Satu hal lain yang menyenangkan ialah tehnya. Teh di tempat ini menggunakan Teh Bendera, favorit saya selama berkelana. Teh manis sungguh melegakan sekaligus membuat perut menjadi tenang untuk perjalanan panjang. Saran saya, teh manis nggak boleh absen sih untuk rumah makan ini. Kalau kebetulan melewati rumah makan ini (kemungkinan besar sih akan berhenti disini), silahkan mampir dan menikmati secarik alam Adian Koting sambil meluruskan kaki (oh ya, Monumen Munsonn Lyman tidak jauh dari sini walau nggak bisa ditempuh dengan berjalan kaki. Namun, sebaiknya dijadwalkan kalau misalnya memang anda menaiki mobil sewaan).
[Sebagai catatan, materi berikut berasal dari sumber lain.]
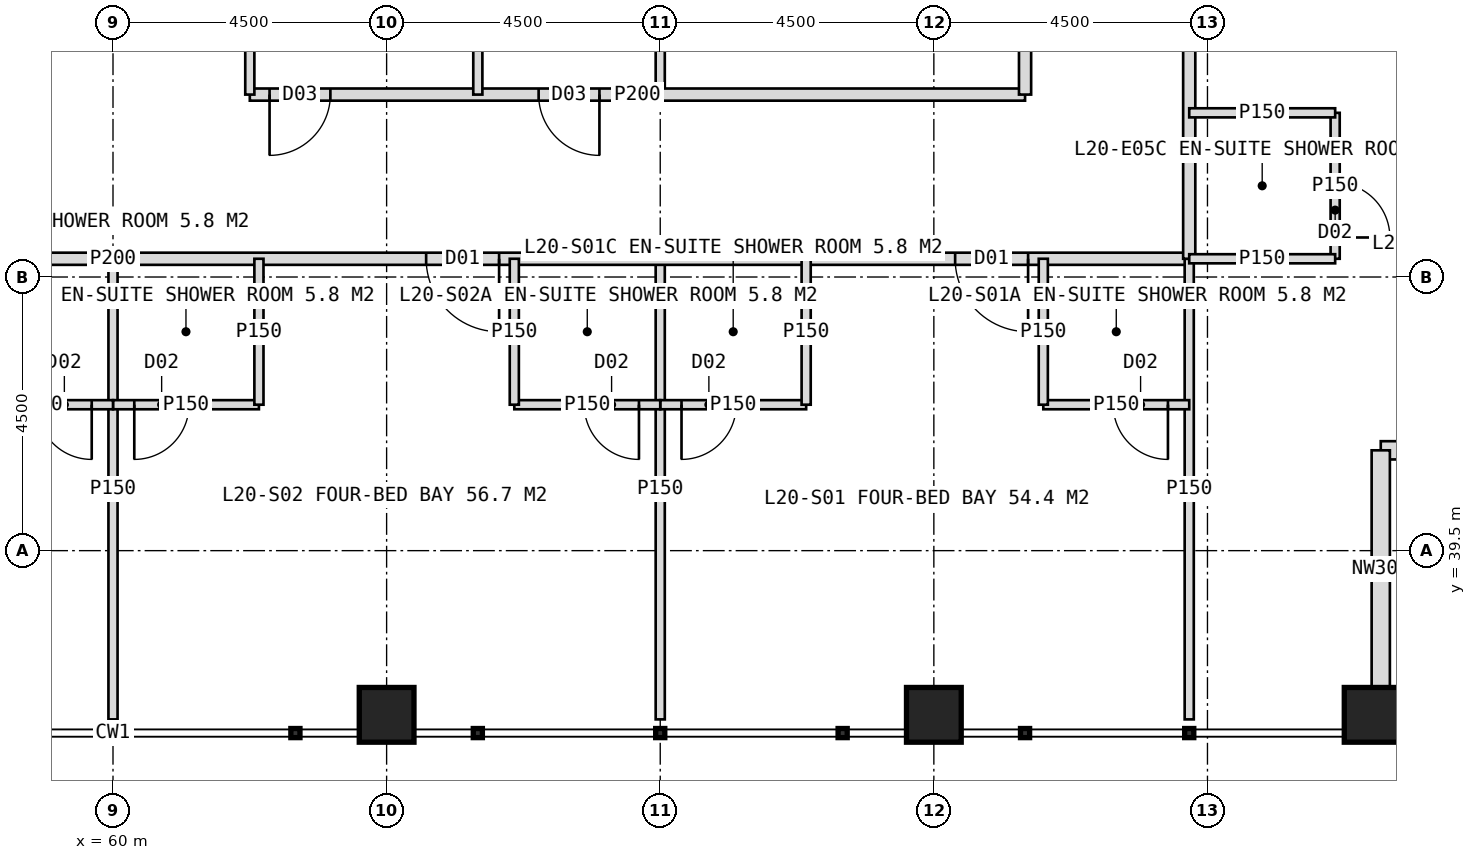
"""IFC4 building model, lengths in metres.
Left out: names, types, materials, properties, quantities, classifications, styles, units other than length and angle.
Written with IfcOpenShell. Run it as: python <this file> out.ifc"""

import sys

from ifc_helpers import new_model, si_unit, direction, frame, frame_2d, origin, origin_2d, place, context, subcontext, project, spatial, rectangle, hollow_rectangle, extrude, element, fill, save


model = new_model("IFC4")
c1 = context("Model", 3, precision=1e-05, world=origin(), true_north=direction((0.0, 1.0)))
c2 = subcontext(c1, "Body", "Model", "MODEL_VIEW")
j1 = project(units=[si_unit("LENGTHUNIT", "METRE"), si_unit("PLANEANGLEUNIT", "RADIAN")], contexts=[c1])
p1 = place(None, origin())
s1 = spatial("IfcSite", under=j1, at=p1, CompositionType="ELEMENT")
p2 = place(p1, origin())
s2 = spatial("IfcBuilding", under=s1, at=p2, CompositionType="ELEMENT")
p3 = place(p2, frame((0.0, 0.0, 87.0)))
s3 = spatial("IfcBuildingStorey", under=s2, at=p3, CompositionType="ELEMENT", Elevation=87.0)
for number, where, z_axis, x_axis in (
    (1, (64.5, 36.8, 0.0), (0.0, 0.0, 1.0), (1.0, 0.0, 0.0)),
    (2, (73.5, 36.8, 0.0), (0.0, 0.0, 1.0), (1.0, 0.0, 0.0)),
    (3, (80.7, 36.8, 0.0), (0.0, 0.0, 1.0), (1.0, 0.0, 0.0)),
):
    element("IfcColumn", number, at=place(p3, frame(where, z_axis=z_axis, x_axis=x_axis)), inside=s3, PredefinedType="COLUMN", context=c2, shape_type="SweptSolid", body=[
        extrude(hollow_rectangle(XDim=0.9, YDim=0.9, WallThickness=0.08, at=origin_2d()), origin(), (0.0, 0.0, 1.0), 4.0),
    ])
for number, where, z_axis, x_axis in (
    (4, (84.75, 41.15, 0.0), (0.0, 0.0, 1.0), (-1.0, 0.0, 0.0)),
    (5, (80.85, 41.15, 0.0), (0.0, 0.0, 1.0), (0.0, -1.0, 0.0)),
):
    element("IfcWall", number, at=place(p3, frame(where, z_axis=z_axis, x_axis=x_axis)), inside=s3, PredefinedType="ELEMENTEDWALL", context=c2, shape_type="SweptSolid", body=[
        extrude(rectangle(XDim=3.9, YDim=0.3, at=frame_2d((1.95, 0.0))), origin(), (0.0, 0.0, 1.0), 2.95),
    ])
p4 = place(p3, frame((69.0, 44.3, 0.0), z_axis=(0.0, 0.0, 1.0), x_axis=(0.0, -1.0, 0.0)))
e6 = element("IfcWall", 6, at=p4, inside=s3, PredefinedType="PARTITIONING", context=c2, shape_type="SweptSolid", body=[
    extrude(rectangle(XDim=7.575, YDim=0.15, at=frame_2d((3.788, 0.0))), origin(), (0.0, 0.0, 1.0), 3.75),
])
p5 = place(p3, frame((60.0, 44.3, 0.0), z_axis=(0.0, 0.0, 1.0), x_axis=(0.0, -1.0, 0.0)))
e7 = element("IfcWall", 7, at=p5, inside=s3, PredefinedType="PARTITIONING", context=c2, shape_type="SweptSolid", body=[
    extrude(rectangle(XDim=7.575, YDim=0.15, at=frame_2d((3.788, 0.0))), origin(), (0.0, 0.0, 1.0), 2.75),
])
p6 = place(p3, frame((77.7, 44.3, 0.0), z_axis=(0.0, 0.0, 1.0), x_axis=(-1.0, 0.0, 0.0)))
e8 = element("IfcWall", 8, at=p6, inside=s3, PredefinedType="PARTITIONING", context=c2, shape_type="SweptSolid", body=[
    extrude(rectangle(XDim=35.4, YDim=0.2, at=frame_2d((17.7, 0.0))), origin(), (0.0, 0.0, 1.0), 3.75),
])
p7 = place(p6, frame((2.65, 0.0, 0.0)))
e9 = element("IfcOpeningElement", 9, at=p7, cuts=e8, PredefinedType="OPENING", context=c2, shape_type="SweptSolid", body=[
    extrude(rectangle(XDim=1.2, YDim=2.2, at=frame_2d((0.6, 1.1))), frame((0.0, 0.11, 0.0), z_axis=(0.0, -1.0, 0.0), x_axis=(1.0, 0.0, 0.0)), (0.0, 0.0, 1.0), 0.22),
])
p8 = place(p6, frame((11.35, 0.0, 0.0)))
e10 = element("IfcOpeningElement", 10, at=p8, cuts=e8, PredefinedType="OPENING", context=c2, shape_type="SweptSolid", body=[
    extrude(rectangle(XDim=1.2, YDim=2.2, at=frame_2d((0.6, 1.1))), frame((0.0, 0.11, 0.0), z_axis=(0.0, -1.0, 0.0), x_axis=(1.0, 0.0, 0.0)), (0.0, 0.0, 1.0), 0.22),
])
p9 = place(p6, frame((20.35, 0.0, 0.0)))
e11 = element("IfcOpeningElement", 11, at=p9, cuts=e8, PredefinedType="OPENING", context=c2, shape_type="SweptSolid", body=[
    extrude(rectangle(XDim=1.2, YDim=2.2, at=frame_2d((0.6, 1.1))), frame((0.0, 0.11, 0.0), z_axis=(0.0, -1.0, 0.0), x_axis=(1.0, 0.0, 0.0)), (0.0, 0.0, 1.0), 0.22),
])
p10 = place(p6, frame((29.35, 0.0, 0.0)))
e12 = element("IfcOpeningElement", 12, at=p10, cuts=e8, PredefinedType="OPENING", context=c2, shape_type="SweptSolid", body=[
    extrude(rectangle(XDim=1.2, YDim=2.2, at=frame_2d((0.6, 1.1))), frame((0.0, 0.11, 0.0), z_axis=(0.0, -1.0, 0.0), x_axis=(1.0, 0.0, 0.0)), (0.0, 0.0, 1.0), 0.22),
])
p11 = place(p3, frame((77.7, 44.3, 0.0), z_axis=(0.0, 0.0, 1.0), x_axis=(0.0, -1.0, 0.0)))
e13 = element("IfcWall", 13, at=p11, inside=s3, PredefinedType="PARTITIONING", context=c2, shape_type="SweptSolid", body=[
    extrude(rectangle(XDim=7.575, YDim=0.15, at=frame_2d((3.788, 0.0))), origin(), (0.0, 0.0, 1.0), 3.75),
])
p12 = place(p3, frame((77.7, 41.9, 0.0), z_axis=(0.0, 0.0, 1.0), x_axis=(-1.0, 0.0, 0.0)))
e14 = element("IfcWall", 14, at=p12, inside=s3, PredefinedType="PARTITIONING", context=c2, shape_type="SweptSolid", body=[
    extrude(rectangle(XDim=2.4, YDim=0.15, at=frame_2d((1.2, 0.0))), origin(), (0.0, 0.0, 1.0), 3.75),
])
p13 = place(p12, frame((0.35, 0.0, 0.0)))
e15 = element("IfcOpeningElement", 15, at=p13, cuts=e14, PredefinedType="OPENING", context=c2, shape_type="SweptSolid", body=[
    extrude(rectangle(XDim=0.9, YDim=2.1, at=frame_2d((0.45, 1.05))), frame((0.0, 0.085, 0.0), z_axis=(0.0, -1.0, 0.0), x_axis=(1.0, 0.0, 0.0)), (0.0, 0.0, 1.0), 0.17),
])
p14 = place(p3, frame((75.3, 44.3, 0.0), z_axis=(0.0, 0.0, 1.0), x_axis=(0.0, -1.0, 0.0)))
e16 = element("IfcWall", 16, at=p14, inside=s3, PredefinedType="PARTITIONING", context=c2, shape_type="SweptSolid", body=[
    extrude(rectangle(XDim=2.4, YDim=0.15, at=frame_2d((1.2, 0.0))), origin(), (0.0, 0.0, 1.0), 3.75),
])
p15 = place(p3, frame((71.4, 41.9, 0.0), z_axis=(0.0, 0.0, 1.0), x_axis=(-1.0, 0.0, 0.0)))
e17 = element("IfcWall", 17, at=p15, inside=s3, PredefinedType="PARTITIONING", context=c2, shape_type="SweptSolid", body=[
    extrude(rectangle(XDim=2.4, YDim=0.15, at=frame_2d((1.2, 0.0))), origin(), (0.0, 0.0, 1.0), 3.75),
])
p16 = place(p15, frame((1.15, 0.0, 0.0)))
e18 = element("IfcOpeningElement", 18, at=p16, cuts=e17, PredefinedType="OPENING", context=c2, shape_type="SweptSolid", body=[
    extrude(rectangle(XDim=0.9, YDim=2.1, at=frame_2d((0.45, 1.05))), frame((0.0, 0.085, 0.0), z_axis=(0.0, -1.0, 0.0), x_axis=(1.0, 0.0, 0.0)), (0.0, 0.0, 1.0), 0.17),
])
p17 = place(p3, frame((71.4, 44.3, 0.0), z_axis=(0.0, 0.0, 1.0), x_axis=(0.0, -1.0, 0.0)))
e19 = element("IfcWall", 19, at=p17, inside=s3, PredefinedType="PARTITIONING", context=c2, shape_type="SweptSolid", body=[
    extrude(rectangle(XDim=2.4, YDim=0.15, at=frame_2d((1.2, 0.0))), origin(), (0.0, 0.0, 1.0), 3.75),
])
p18 = place(p3, frame((69.0, 41.9, 0.0), z_axis=(0.0, 0.0, 1.0), x_axis=(-1.0, 0.0, 0.0)))
e20 = element("IfcWall", 20, at=p18, inside=s3, PredefinedType="PARTITIONING", context=c2, shape_type="SweptSolid", body=[
    extrude(rectangle(XDim=2.4, YDim=0.15, at=frame_2d((1.2, 0.0))), origin(), (0.0, 0.0, 1.0), 3.75),
])
p19 = place(p18, frame((0.35, 0.0, 0.0)))
e21 = element("IfcOpeningElement", 21, at=p19, cuts=e20, PredefinedType="OPENING", context=c2, shape_type="SweptSolid", body=[
    extrude(rectangle(XDim=0.9, YDim=2.1, at=frame_2d((0.45, 1.05))), frame((0.0, 0.085, 0.0), z_axis=(0.0, -1.0, 0.0), x_axis=(1.0, 0.0, 0.0)), (0.0, 0.0, 1.0), 0.17),
])
p20 = place(p3, frame((66.6, 44.3, 0.0), z_axis=(0.0, 0.0, 1.0), x_axis=(0.0, -1.0, 0.0)))
e22 = element("IfcWall", 22, at=p20, inside=s3, PredefinedType="PARTITIONING", context=c2, shape_type="SweptSolid", body=[
    extrude(rectangle(XDim=2.4, YDim=0.15, at=frame_2d((1.2, 0.0))), origin(), (0.0, 0.0, 1.0), 3.75),
])
p21 = place(p3, frame((62.4, 41.9, 0.0), z_axis=(0.0, 0.0, 1.0), x_axis=(-1.0, 0.0, 0.0)))
e23 = element("IfcWall", 23, at=p21, inside=s3, PredefinedType="PARTITIONING", context=c2, shape_type="SweptSolid", body=[
    extrude(rectangle(XDim=2.4, YDim=0.15, at=frame_2d((1.2, 0.0))), origin(), (0.0, 0.0, 1.0), 3.75),
])
p22 = place(p21, frame((1.15, 0.0, 0.0)))
e24 = element("IfcOpeningElement", 24, at=p22, cuts=e23, PredefinedType="OPENING", context=c2, shape_type="SweptSolid", body=[
    extrude(rectangle(XDim=0.9, YDim=2.1, at=frame_2d((0.45, 1.05))), frame((0.0, 0.085, 0.0), z_axis=(0.0, -1.0, 0.0), x_axis=(1.0, 0.0, 0.0)), (0.0, 0.0, 1.0), 0.17),
])
p23 = place(p3, frame((62.4, 44.3, 0.0), z_axis=(0.0, 0.0, 1.0), x_axis=(0.0, -1.0, 0.0)))
e25 = element("IfcWall", 25, at=p23, inside=s3, PredefinedType="PARTITIONING", context=c2, shape_type="SweptSolid", body=[
    extrude(rectangle(XDim=2.4, YDim=0.15, at=frame_2d((1.2, 0.0))), origin(), (0.0, 0.0, 1.0), 3.75),
])
p24 = place(p3, frame((60.0, 41.9, 0.0), z_axis=(0.0, 0.0, 1.0), x_axis=(-1.0, 0.0, 0.0)))
e26 = element("IfcWall", 26, at=p24, inside=s3, PredefinedType="PARTITIONING", context=c2, shape_type="SweptSolid", body=[
    extrude(rectangle(XDim=2.4, YDim=0.15, at=frame_2d((1.2, 0.0))), origin(), (0.0, 0.0, 1.0), 3.75),
])
p25 = place(p24, frame((0.35, 0.0, 0.0)))
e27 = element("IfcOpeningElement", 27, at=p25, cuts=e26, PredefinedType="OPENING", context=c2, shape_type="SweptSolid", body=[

Wednesday, August 14, 2013

Kembali Menyusuri 9 Jam Sibolga - Siantar

Nampaknya, jalan raya berliku-liku sepanjang 66 kilometer tersebut harus saya hadapi kembali. Jalan raya meliuk liuk menembus Hutan Bukit Barisan yang menembus Sitahuis adalah jalan utama yang menghubungkan Sibolga dan Tarutung. Dua kota yang harusnya bertetangga ini dipisahkan oleh jalan raya yang seakan memisahkan dua dunia. Konon, jalan ini banyak memakan korban, namun bukan korban nyawa melainkan para penumpang yag mabok lantaran harus menempuh kelokan yang konon bisa mencapai 1200 buah jumlahnya. Untungnya, melewati Sitahuis, jalanan kembali melandai di Adiankoting, wilayah Tapanuli Utara. Hutan yang lebat sudah tergantikan dengan padang rumput dan pegunungan dataran tinggi di kejauhan. Jujur saja, saya lebih suka melihat bentang alam seperti ini dibanding hutan yang tumbuh dengan rapat.
Perjalanan panjang ini harus diganjar dengan selembar uang kertas warna merah. Saya berangkat pada pagi hari dan diperkirakan akan mencapai Pematang Siantar lewat tengah hari, menjelang petang. Rute yang dilewati adalah Sibolga - Pandan (mencari bahan bakar terlebih dahulu) - Batu Simaninggir - Gunung GM Panggabean - Sitahuis - Adiankoting - Lobu Pining (Sayang sekali saya nggak sempat berhenti untuk melihat monumen Lymann Munson) - Tarutung - Sipoholon - Siborong-borong - Silangit - Balige - Laguboti - Porsea - Ajibata - Parapat - Tiga Dolok - Pematang Siantar. Perjalanan panjang ini seharusnya menarik kalau beberapa kondisi terpenuhi. Kondisi alam yang bervariasi sudah tentu menjadi penghiburan tersendiri sepanjang perjalanan. Lebanya hutan berganti dengan padang rumput berbukit di dua bagian Tapanuli akan menjadi pemandangan menarik. Cadas batu kapur di Silangit dan berganti menjadi titik pertama Danau toba terlihat di Balige juga menarik. Ramainya kota di wilayah Laguboti - Porsea menjadi hutan lebat di Ajibata dan kembali menjadi keramaian di Parapat juga sesuatu yang menarik untuk disimak. Terakhir, pemandangan hutan sekunder selepas Parapat menjadi perkebunan sawit ketika memasuki wilayah Simalungun semakin memanjakan mata penumpang. Saya yang gemar foto-foto sepanjang perjalanan perjalanan pun tampaknya menjadi hal yang menarik untuk dilihat oleh penumpang lainnya. Hahaha. Hal terakhir, kecintaan sang supir pada musik lumayan menghibur telinga. Walaupun sedikit sekali memiliki koleksi lagu Batak dalam playlistnya, namun sebagian lagu-lagunya masuk kategori enak didengar. Yang saya paling ingat adalah Hijau Daun feat Luna Maya - Suara karena diputar beberapa kali di sepanjang ruas. hehehe.
Oh, satu lagi, penumpang yang merokok akan sangat menyebalkan. Walaupun mobilnya ber AC namun AC tidak dinyalakan sepanjang perjalanan dan penumpang maupun sopir bebas merokok sepanjang perjalanan. Untungnya, saya duduk di samping jendela persis di belakang kursi samping supir. Jendela saya buka lebar-lebar dan makan angin lebih menyenangkan buat saya.